Not necessarily. Helmets from different manufacturers all have slightly different shapes... just like peoples noggins. I had the same issue with a Bell and going slightly larger did not help, as it was slightly too loose in other areas. Simpsons... I could never get one that felt right either.

The Arai just has a shape that works better for me.

Hence the No. 1 suggestion from most people in helmet topics is: Try it on first. That's the only way to find the helmet/shape that works for you.


----------



## BobC (Jun 17, 2003)

Thanks for the suggestions. I tried on a Arai motorcycle helmet the other day.
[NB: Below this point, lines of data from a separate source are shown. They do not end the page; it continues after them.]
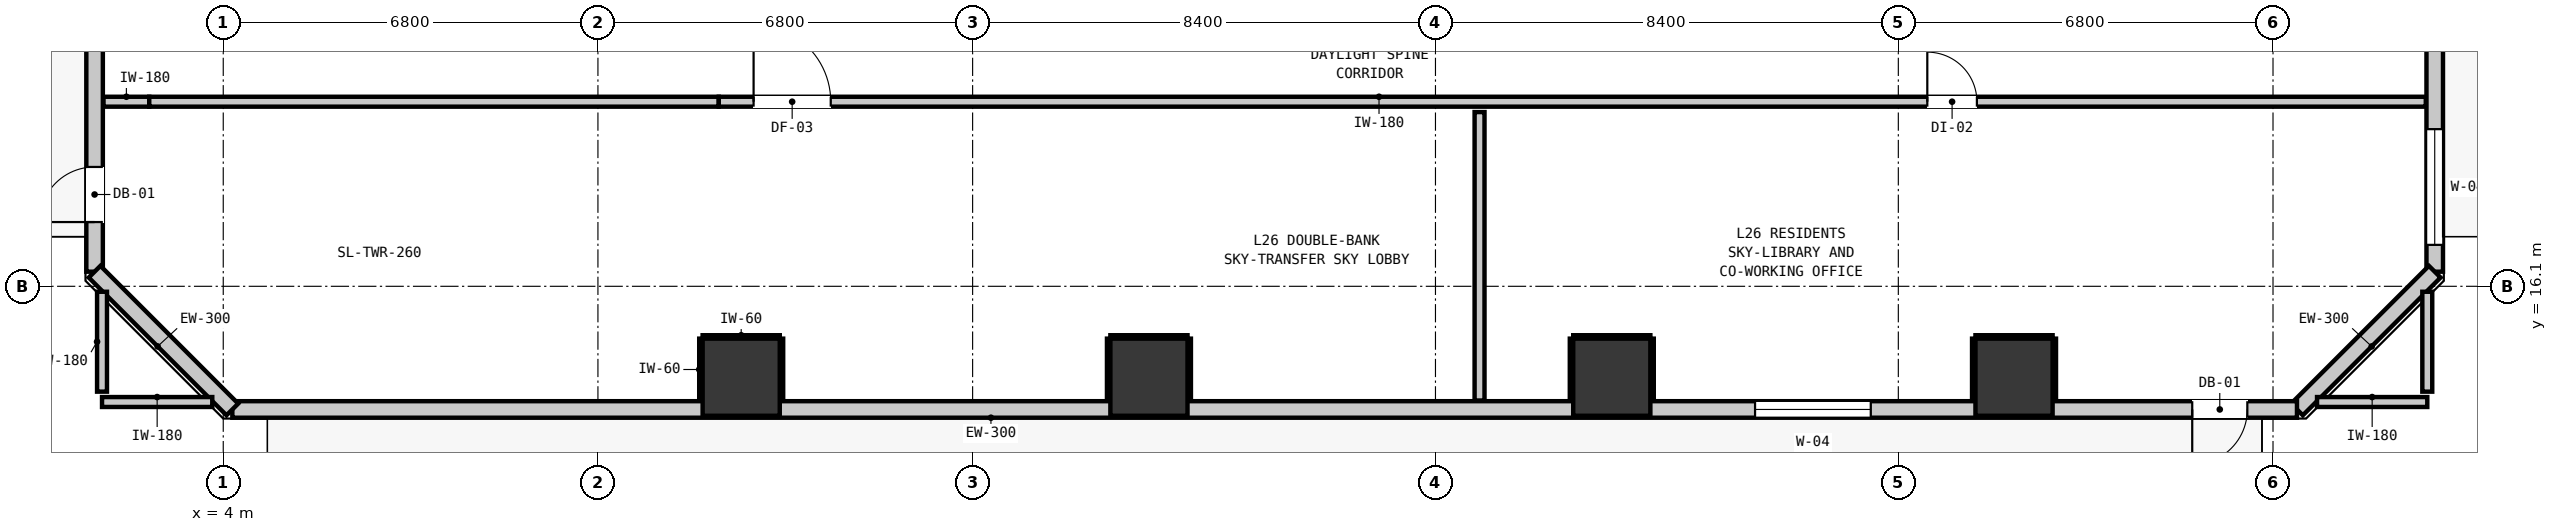
"""IFC4 building model, lengths in metres.
Left out: names, types, materials, properties, quantities, classifications, styles, units other than length and angle.
Written with IfcOpenShell. Run it as: python <this file> out.ifc"""

import sys

from ifc_helpers import new_model, si_unit, direction, frame, frame_2d, origin, origin_2d, place, context, subcontext, project, spatial, rectangle, extrude, element, fill, save


model = new_model("IFC4")
c1 = context("Model", 3, precision=1e-05, world=origin(), true_north=direction((0.0, 1.0)))
c2 = subcontext(c1, "Body", "Model", "MODEL_VIEW")
j1 = project(units=[si_unit("LENGTHUNIT", "METRE"), si_unit("PLANEANGLEUNIT", "RADIAN")], contexts=[c1])
p1 = place(None, origin())
s1 = spatial("IfcSite", under=j1, at=p1, CompositionType="ELEMENT")
p2 = place(p1, origin())
s2 = spatial("IfcBuilding", under=s1, at=p2, CompositionType="ELEMENT")
p3 = place(p2, frame((0.0, 0.0, 92.8)))
s3 = spatial("IfcBuildingStorey", under=s2, at=p3, CompositionType="ELEMENT", Elevation=92.8)
for number, where, z_axis, x_axis in (
    (1, (13.4, 14.45, 0.0), (0.0, 0.0, 1.0), (1.0, 0.0, 0.0)),
    (2, (20.8, 14.45, 0.0), (0.0, 0.0, 1.0), (1.0, 0.0, 0.0)),
    (3, (29.2, 14.45, 0.0), (0.0, 0.0, 1.0), (1.0, 0.0, 0.0)),
    (4, (36.5, 14.45, 0.0), (0.0, 0.0, 1.0), (1.0, 0.0, 0.0)),
):
    element("IfcColumn", number, at=place(p3, frame(where, z_axis=z_axis, x_axis=x_axis)), inside=s3, PredefinedType="COLUMN", context=c2, shape_type="SweptSolid", body=[
        extrude(rectangle(XDim=1.4, YDim=1.4, at=origin_2d()), origin(), (0.0, 0.0, 1.0), 3.32),
    ])
p4 = place(p3, frame((1.665, 16.365, 0.0), z_axis=(0.0, 0.0, 1.0), x_axis=(0.0, 1.0, 0.0)))
e5 = element("IfcWall", 5, at=p4, inside=s3, PredefinedType="STANDARD", context=c2, shape_type="SweptSolid", body=[
    extrude(rectangle(XDim=34.67, YDim=0.3, at=frame_2d((17.335, 0.0))), origin(), (0.0, 0.0, 1.0), 3.06),
])
p5 = place(p4, frame((0.901, 0.0, 0.0)))
e6 = element("IfcOpeningElement", 6, at=p5, cuts=e5, PredefinedType="OPENING", context=c2, shape_type="SweptSolid", body=[
    extrude(rectangle(XDim=1.0, YDim=2.15, at=frame_2d((0.5, 1.075))), frame((0.0, 0.16, 0.0), z_axis=(0.0, -1.0, 0.0), x_axis=(1.0, 0.0, 0.0)), (0.0, 0.0, 1.0), 0.32),
])
p6 = place(p4, frame((32.314, 0.0, 0.85)))
e7 = element("IfcOpeningElement", 7, at=p6, cuts=e5, PredefinedType="OPENING", context=c2, shape_type="SweptSolid", body=[
    extrude(rectangle(XDim=2.1, YDim=1.9, at=frame_2d((1.05, 0.95))), frame((0.0, 0.16, 0.0), z_axis=(0.0, -1.0, 0.0), x_axis=(1.0, 0.0, 0.0)), (0.0, 0.0, 1.0), 0.32),
])
p7 = place(p3, frame((44.135, 51.035, 0.0), z_axis=(0.0, 0.0, 1.0), x_axis=(0.0, -1.0, 0.0)))
e8 = element("IfcWall", 8, at=p7, inside=s3, PredefinedType="STANDARD", context=c2, shape_type="SweptSolid", body=[
    extrude(rectangle(XDim=34.67, YDim=0.3, at=frame_2d((17.335, 0.0))), origin(), (0.0, 0.0, 1.0), 3.06),
])
p8 = place(p7, frame((0.901, 0.0, 0.0)))
e9 = element("IfcOpeningElement", 9, at=p8, cuts=e8, PredefinedType="OPENING", context=c2, shape_type="SweptSolid", body=[
    extrude(rectangle(XDim=1.0, YDim=2.15, at=frame_2d((0.5, 1.075))), frame((0.0, 0.16, 0.0), z_axis=(0.0, -1.0, 0.0), x_axis=(1.0, 0.0, 0.0)), (0.0, 0.0, 1.0), 0.32),
])
p9 = place(p7, frame((32.083, 0.0, 0.85)))
e10 = element("IfcOpeningElement", 10, at=p9, cuts=e8, PredefinedType="OPENING", context=c2, shape_type="SweptSolid", body=[
    extrude(rectangle(XDim=2.1, YDim=1.9, at=frame_2d((1.05, 0.95))), frame((0.0, 0.16, 0.0), z_axis=(0.0, -1.0, 0.0), x_axis=(1.0, 0.0, 0.0)), (0.0, 0.0, 1.0), 0.32),
])
p10 = place(p7, frame((21.76, 0.0, 0.85)))
e11 = element("IfcOpeningElement", 11, at=p10, cuts=e8, PredefinedType="OPENING", context=c2, shape_type="SweptSolid", body=[
    extrude(rectangle(XDim=2.1, YDim=1.9, at=frame_2d((1.05, 0.95))), frame((0.0, 0.16, 0.0), z_axis=(0.0, -1.0, 0.0), x_axis=(1.0, 0.0, 0.0)), (0.0, 0.0, 1.0), 0.32),
])
p11 = place(p3, frame((44.135, 16.365, 0.0), z_axis=(0.0, 0.0, 1.0), x_axis=(-0.707106781187, -0.707106781187, 0.0)))
e12 = element("IfcWall", 12, at=p11, inside=s3, PredefinedType="STANDARD", context=c2, shape_type="SweptSolid", body=[
    extrude(rectangle(XDim=3.536, YDim=0.3, at=frame_2d((1.768, 0.0))), origin(), (0.0, 0.0, 1.0), 3.06),
])
p12 = place(p3, frame((41.635, 13.865, 0.0), z_axis=(0.0, 0.0, 1.0), x_axis=(-1.0, 0.0, 0.0)))
e13 = element("IfcWall", 13, at=p12, inside=s3, PredefinedType="STANDARD", context=c2, shape_type="SweptSolid", body=[
    extrude(rectangle(XDim=37.47, YDim=0.3, at=frame_2d((18.735, 0.0))), origin(), (0.0, 0.0, 1.0), 3.06),
])
p13 = place(p12, frame((0.901, 0.0, 0.0)))
e14 = element("IfcOpeningElement", 14, at=p13, cuts=e13, PredefinedType="OPENING", context=c2, shape_type="SweptSolid", body=[
    extrude(rectangle(XDim=1.0, YDim=2.15, at=frame_2d((0.5, 1.075))), frame((0.0, 0.16, 0.0), z_axis=(0.0, -1.0, 0.0), x_axis=(1.0, 0.0, 0.0)), (0.0, 0.0, 1.0), 0.32),
])
p14 = place(p12, frame((7.735, 0.0, 0.85)))
e15 = element("IfcOpeningElement", 15, at=p14, cuts=e13, PredefinedType="OPENING", context=c2, shape_type="SweptSolid", body=[
    extrude(rectangle(XDim=2.1, YDim=1.9, at=frame_2d((1.05, 0.95))), frame((0.0, 0.16, 0.0), z_axis=(0.0, -1.0, 0.0), x_axis=(1.0, 0.0, 0.0)), (0.0, 0.0, 1.0), 0.32),
])
p15 = place(p3, frame((4.165, 13.865, 0.0), z_axis=(0.0, 0.0, 1.0), x_axis=(-0.707106781187, 0.707106781187, 0.0)))
e16 = element("IfcWall", 16, at=p15, inside=s3, PredefinedType="STANDARD", context=c2, shape_type="SweptSolid", body=[
    extrude(rectangle(XDim=3.536, YDim=0.3, at=frame_2d((1.768, 0.0))), origin(), (0.0, 0.0, 1.0), 3.06),
])
for number, where, z_axis, x_axis in (
    (17, (1.8, 14.0, 0.0), (0.0, 0.0, 1.0), (1.0, 0.0, 0.0)),
    (18, (41.999, 14.0, 0.0), (0.0, 0.0, 1.0), (1.0, 0.0, 0.0)),
):
    element("IfcWall", number, at=place(p3, frame(where, z_axis=z_axis, x_axis=x_axis)), inside=s3, PredefinedType="PARTITIONING", context=c2, shape_type="SweptSolid", body=[
        extrude(rectangle(XDim=2.001, YDim=0.18, at=frame_2d((1.0, 0.0))), origin(), (0.0, 0.0, 1.0), 3.06),
    ])
p16 = place(p3, frame((1.827, 19.45, 0.0), z_axis=(0.0, 0.0, 1.0), x_axis=(1.0, 0.0, 0.0)))
e19 = element("IfcWall", 19, at=p16, inside=s3, PredefinedType="PARTITIONING", context=c2, shape_type="SweptSolid", body=[
    extrude(rectangle(XDim=0.83, YDim=0.18, at=frame_2d((0.415, 0.0))), origin(), (0.0, 0.0, 1.0), 3.06),
])
p17 = place(p3, frame((2.657, 19.45, 0.0), z_axis=(0.0, 0.0, 1.0), x_axis=(1.0, 0.0, 0.0)))
e20 = element("IfcWall", 20, at=p17, inside=s3, PredefinedType="PARTITIONING", context=c2, shape_type="SweptSolid", body=[
    extrude(rectangle(XDim=10.336, YDim=0.18, at=frame_2d((5.168, 0.0))), origin(), (0.0, 0.0, 1.0), 2.445),
])
p18 = place(p3, frame((12.993, 19.45, 0.0), z_axis=(0.0, 0.0, 1.0), x_axis=(1.0, 0.0, 0.0)))
e21 = element("IfcWall", 21, at=p18, inside=s3, PredefinedType="PARTITIONING", context=c2, shape_type="SweptSolid", body=[
    extrude(rectangle(XDim=30.98, YDim=0.18, at=frame_2d((15.49, 0.0))), origin(), (0.0, 0.0, 1.0), 3.06),
])
p19 = place(p18, frame((0.632, 0.0, 0.0)))
e22 = element("IfcOpeningElement", 22, at=p19, cuts=e21, PredefinedType="OPENING", context=c2, shape_type="SweptSolid", body=[
    extrude(rectangle(XDim=1.4, YDim=2.15, at=frame_2d((0.7, 1.075))), frame((0.0, 0.1, 0.0), z_axis=(0.0, -1.0, 0.0), x_axis=(1.0, 0.0, 0.0)), (0.0, 0.0, 1.0), 0.2),
])
p20 = place(p18, frame((21.933, 0.0, 0.0)))
e23 = element("IfcOpeningElement", 23, at=p20, cuts=e21, PredefinedType="OPENING", context=c2, shape_type="SweptSolid", body=[
    extrude(rectangle(XDim=0.9, YDim=2.1, at=frame_2d((0.45, 1.05))), frame((0.0, 0.1, 0.0), z_axis=(0.0, -1.0, 0.0), x_axis=(1.0, 0.0, 0.0)), (0.0, 0.0, 1.0), 0.2),
])
p21 = place(p3, frame((1.8, 14.188, 0.0), z_axis=(0.0, 0.0, 1.0), x_axis=(0.0, 1.0, 0.0)))
e24 = element("IfcWall", 24, at=p21, inside=s3, PredefinedType="PARTITIONING", context=c2, shape_type="SweptSolid", body=[
    extrude(rectangle(XDim=1.813, YDim=0.18, at=frame_2d((0.906, 0.0))), origin(), (0.0, 0.0, 1.0), 3.06),
])
p22 = place(p3, frame((26.8, 14.027, 0.0), z_axis=(0.0, 0.0, 1.0), x_axis=(0.0, 1.0, 0.0)))
e25 = element("IfcWall", 25, at=p22, inside=s3, PredefinedType="PARTITIONING", context=c2, shape_type="SweptSolid", body=[
    extrude(rectangle(XDim=5.235, YDim=0.18, at=frame_2d((2.617, 0.0))), origin(), (0.0, 0.0, 1.0), 3.06),
])
p23 = place(p3, frame((44.0, 14.188, 0.0), z_axis=(0.0, 0.0, 1.0), x_axis=(0.0, 1.0, 0.0)))
e26 = element("IfcWall", 26, at=p23, inside=s3, PredefinedType="PARTITIONING", context=c2, shape_type="SweptSolid", body=[
    extrude(rectangle(XDim=1.813, YDim=0.18, at=frame_2d((0.906, 0.0))), origin(), (0.0, 0.0, 1.0), 3.06),
])
p24 = place(p3, frame((12.7, 15.182, 0.0), z_axis=(0.0, 0.0, 1.0), x_axis=(1.0, 0.0, 0.0)))
e27 = element("IfcWall", 27, at=p24, inside=s3, PredefinedType="PARTITIONING", context=c2, shape_type="SweptSolid", body=[
    extrude(rectangle(XDim=1.4, YDim=0.06, at=frame_2d((0.7, 0.0))), origin(), (0.0, 0.0, 1.0), 1.45),
])
for number, where, z_axis, x_axis in (
    (28, (12.668, 14.03, 0.0), (0.0, 0.0, 1.0), (0.0, 1.0, 0.0)),
    (29, (14.132, 14.03, 0.0), (0.0, 0.0, 1.0), (0.0, 1.0, 0.0)),
):
    element("IfcWall", number, at=place(p3, frame(where, z_axis=z_axis, x_axis=x_axis)), inside=s3, PredefinedType="PARTITIONING", context=c2, shape_type="SweptSolid", body=[
        extrude(rectangle(XDim=1.12, YDim=0.06, at=frame_2d((0.56, 0.0))), origin(), (0.0, 0.0, 1.0), 1.45),
    ])
p25 = place(p3, frame((20.1, 15.182, 0.0), z_axis=(0.0, 0.0, 1.0), x_axis=(1.0, 0.0, 0.0)))
e30 = element("IfcWall", 30, at=p25, inside=s3, PredefinedType="PARTITIONING", context=c2, shape_type="SweptSolid", body=[
    extrude(rectangle(XDim=1.4, YDim=0.06, at=frame_2d((0.7, 0.0))), origin(), (0.0, 0.0, 1.0), 1.45),
])
for number, where, z_axis, x_axis in (
    (31, (20.068, 14.03, 0.0), (0.0, 0.0, 1.0), (0.0, 1.0, 0.0)),
    (32, (21.532, 14.03, 0.0), (0.0, 0.0, 1.0), (0.0, 1.0, 0.0)),
):
    element("IfcWall", number, at=place(p3, frame(where, z_axis=z_axis, x_axis=x_axis)), inside=s3, PredefinedType="PARTITIONING", context=c2, shape_type="SweptSolid", body=[
        extrude(rectangle(XDim=1.12, YDim=0.06, at=frame_2d((0.56, 0.0))), origin(), (0.0, 0.0, 1.0), 1.45),
    ])
p26 = place(p3, frame((28.5, 15.182, 0.0), z_axis=(0.0, 0.0, 1.0), x_axis=(1.0, 0.0, 0.0)))
e33 = element("IfcWall", 33, at=p26, inside=s3, PredefinedType="PARTITIONING", context=c2, shape_type="SweptSolid", body=[
    extrude(rectangle(XDim=1.4, YDim=0.06, at=frame_2d((0.7, 0.0))), origin(), (0.0, 0.0, 1.0), 1.45),
])
for number, where, z_axis, x_axis in (
    (34, (28.468, 14.03, 0.0), (0.0, 0.0, 1.0), (0.0, 1.0, 0.0)),
    (35, (29.932, 14.03, 0.0), (0.0, 0.0, 1.0), (0.0, 1.0, 0.0)),
):
    element("IfcWall", number, at=place(p3, frame(where, z_axis=z_axis, x_axis=x_axis)), inside=s3, PredefinedType="PARTITIONING", context=c2, shape_type="SweptSolid", body=[
        extrude(rectangle(XDim=1.12, YDim=0.06, at=frame_2d((0.56, 0.0))), origin(), (0.0, 0.0, 1.0), 1.45),
    ])
p27 = place(p3, frame((35.8, 15.182, 0.0), z_axis=(0.0, 0.0, 1.0), x_axis=(1.0, 0.0, 0.0)))
e36 = element("IfcWall", 36, at=p27, inside=s3, PredefinedType="PARTITIONING", context=c2, shape_type="SweptSolid", body=[
    extrude(rectangle(XDim=1.4, YDim=0.06, at=frame_2d((0.7, 0.0))), origin(), (0.0, 0.0, 1.0), 1.45),
])
for number, where, z_axis, x_axis in (
    (37, (35.768, 14.03, 0.0), (0.0, 0.0, 1.0), (0.0, 1.0, 0.0)),
    (38, (37.232, 14.03, 0.0), (0.0, 0.0, 1.0), (0.0, 1.0, 0.0)),
):
    element("IfcWall", number, at=place(p3, frame(where, z_axis=z_axis, x_axis=x_axis)), inside=s3, PredefinedType="PARTITIONING", context=c2, shape_type="SweptSolid", body=[
        extrude(rectangle(XDim=1.12, YDim=0.06, at=frame_2d((0.56, 0.0))), origin(), (0.0, 0.0, 1.0), 1.45),
    ])
p28 = place(p13, origin())
e39 = element("IfcDoor", 39, at=p28, inside=s3, OperationType="SINGLE_SWING_RIGHT", PredefinedType="DOOR", context=c2, shape_type="SweptSolid", body=[
    extrude(rectangle(XDim=1.0, YDim=2.15, at=frame_2d((0.5, 1.075))), frame((0.0, 0.025, 0.0), z_axis=(0.0, -1.0, 0.0), x_axis=(1.0, 0.0, 0.0)), (0.0, 0.0, 1.0), 0.05),
])
fill(e14, e39)
p29 = place(p5, origin())
e40 = element("IfcDoor", 40, at=p29, inside=s3, OperationType="SINGLE_SWING_LEFT", PredefinedType="DOOR", context=c2, shape_type="SweptSolid", body=[
    extrude(rectangle(XDim=1.0, YDim=2.15, at=frame_2d((0.5, 1.075))), frame((0.0, 0.025, 0.0), z_axis=(0.0, -1.0, 0.0), x_axis=(1.0, 0.0, 0.0)), (0.0, 0.0, 1.0), 0.05),
])
fill(e6, e40)
p30 = place(p9, origin())
e41 = element("IfcWindow", 41, at=p30, inside=s3, PartitioningType="SINGLE_PANEL", PredefinedType="WINDOW", context=c2, shape_type="SweptSolid", body=[
    extrude(rectangle(XDim=2.1, YDim=1.9, at=frame_2d((1.05, 0.95))), frame((0.0, 0.03, 0.0), z_axis=(0.0, -1.0, 0.0), x_axis=(1.0, 0.0, 0.0)), (0.0, 0.0, 1.0), 0.06),
])
fill(e10, e41)
p31 = place(p14, origin())
e42 = element("IfcWindow", 42, at=p31, inside=s3, PartitioningType="SINGLE_PANEL", PredefinedType="WINDOW", context=c2, shape_type="SweptSolid", body=[
    extrude(rectangle(XDim=2.1, YDim=1.9, at=frame_2d((1.05, 0.95))), frame((0.0, 0.03, 0.0), z_axis=(0.0, -1.0, 0.0), x_axis=(1.0, 0.0, 0.0)), (0.0, 0.0, 1.0), 0.06),
])
fill(e15, e42)
p32 = place(p19, origin())
e43 = element("IfcDoor", 43, at=p32, inside=s3, OperationType="SINGLE_SWING_LEFT", PredefinedType="DOOR", context=c2, shape_type="SweptSolid", body=[
    extrude(rectangle(XDim=1.4, YDim=2.15, at=frame_2d((0.7, 1.075))), frame((0.0, 0.025, 0.0), z_axis=(0.0, -1.0, 0.0), x_axis=(1.0, 0.0, 0.0)), (0.0, 0.0, 1.0), 0.05),
])
fill(e22, e43)
p33 = place(p20, origin())
e44 = element("IfcDoor", 44, at=p33, inside=s3, OperationType="SINGLE_SWING_LEFT", PredefinedType="DOOR", context=c2, shape_type="SweptSolid", body=[
    extrude(rectangle(XDim=0.9, YDim=2.1, at=frame_2d((0.45, 1.05))), frame((0.0, 0.025, 0.0), z_axis=(0.0, -1.0, 0.0), x_axis=(1.0, 0.0, 0.0)), (0.0, 0.0, 1.0), 0.05),
])
fill(e23, e44)
save(model, sys.argv[1])

That fit my head very well. I think I'm going to get an Arai GP 5K.


----------



## ryan helfrich (Sep 7, 2004)

i have a arai helmet for my motorcycles....i think arai is the most comfortable, fits way better than shoei.


----------



## racerdave (Sep 15, 2003)

BobC said:


> Thanks for the suggestions. I tried on a Arai motorcycle helmet the other day. That fit my head very well. I think I'm going to get an Arai GP 5K.


That's the route I went and it worked out well. Good luck!


----------



## BobC (Jun 17, 2003)

racerdave said:


> That's the route I went and it worked out well. Good luck!


Thanks! Now I just have to figure out if I need a large or an extra large. Unfortunatly the motorcycle shop only had one Arai helmet on hand an it was an XL. If fit well but I'd really like to compair the fit to a large.


----------



## racerdave (Sep 15, 2003)

Yeah, I think you need to do that. When I tried the Quantum on at the motorcycle shop, I tried on a L first. Felt good... maybe too good. It wasn't loose, but was borderline. So I tried on a M just for kicks, figuring it would be too small. Nope, it was perfect. Fit was tighter but in no way uncomfortable. So I went with the M and it was the right choice. (BTW, I ordered a GP5-S from a Japanese kart dealer and saved quite a bit of $$... the GP5-S is basically the same as a GP5-K here).

Sounds like you also might be "in-between" sizes, so definitely try to try on different sizes of the same Arai models. (Like I said, I used the Quantum for my comparison, as previously suggested to me by someone who had done the same successfully before)


----------



## JByrd (Nov 2, 2004)

Since I live here in Race City USA, and about 3 miles from Simpson World, I decided to buy a Simpson Helmet.

If you buy a Simpson helmet, TRY IT ON FIRST!!!!!

Having fit football helmets on players for years in a previous career, I felt fairly confident fitting myself would not be a problem. In fact, I used to test sizing callipers on my own size 7 3/8 head, and indeed, my last helmet was a 7 3/8 Bell.

Well....when I tried on the Simpson, the 7 3/8 was way too big, but a bigger 7 1/2 was too tight.

Ended up with a size 8. It fit perfectly. :rofl:


----------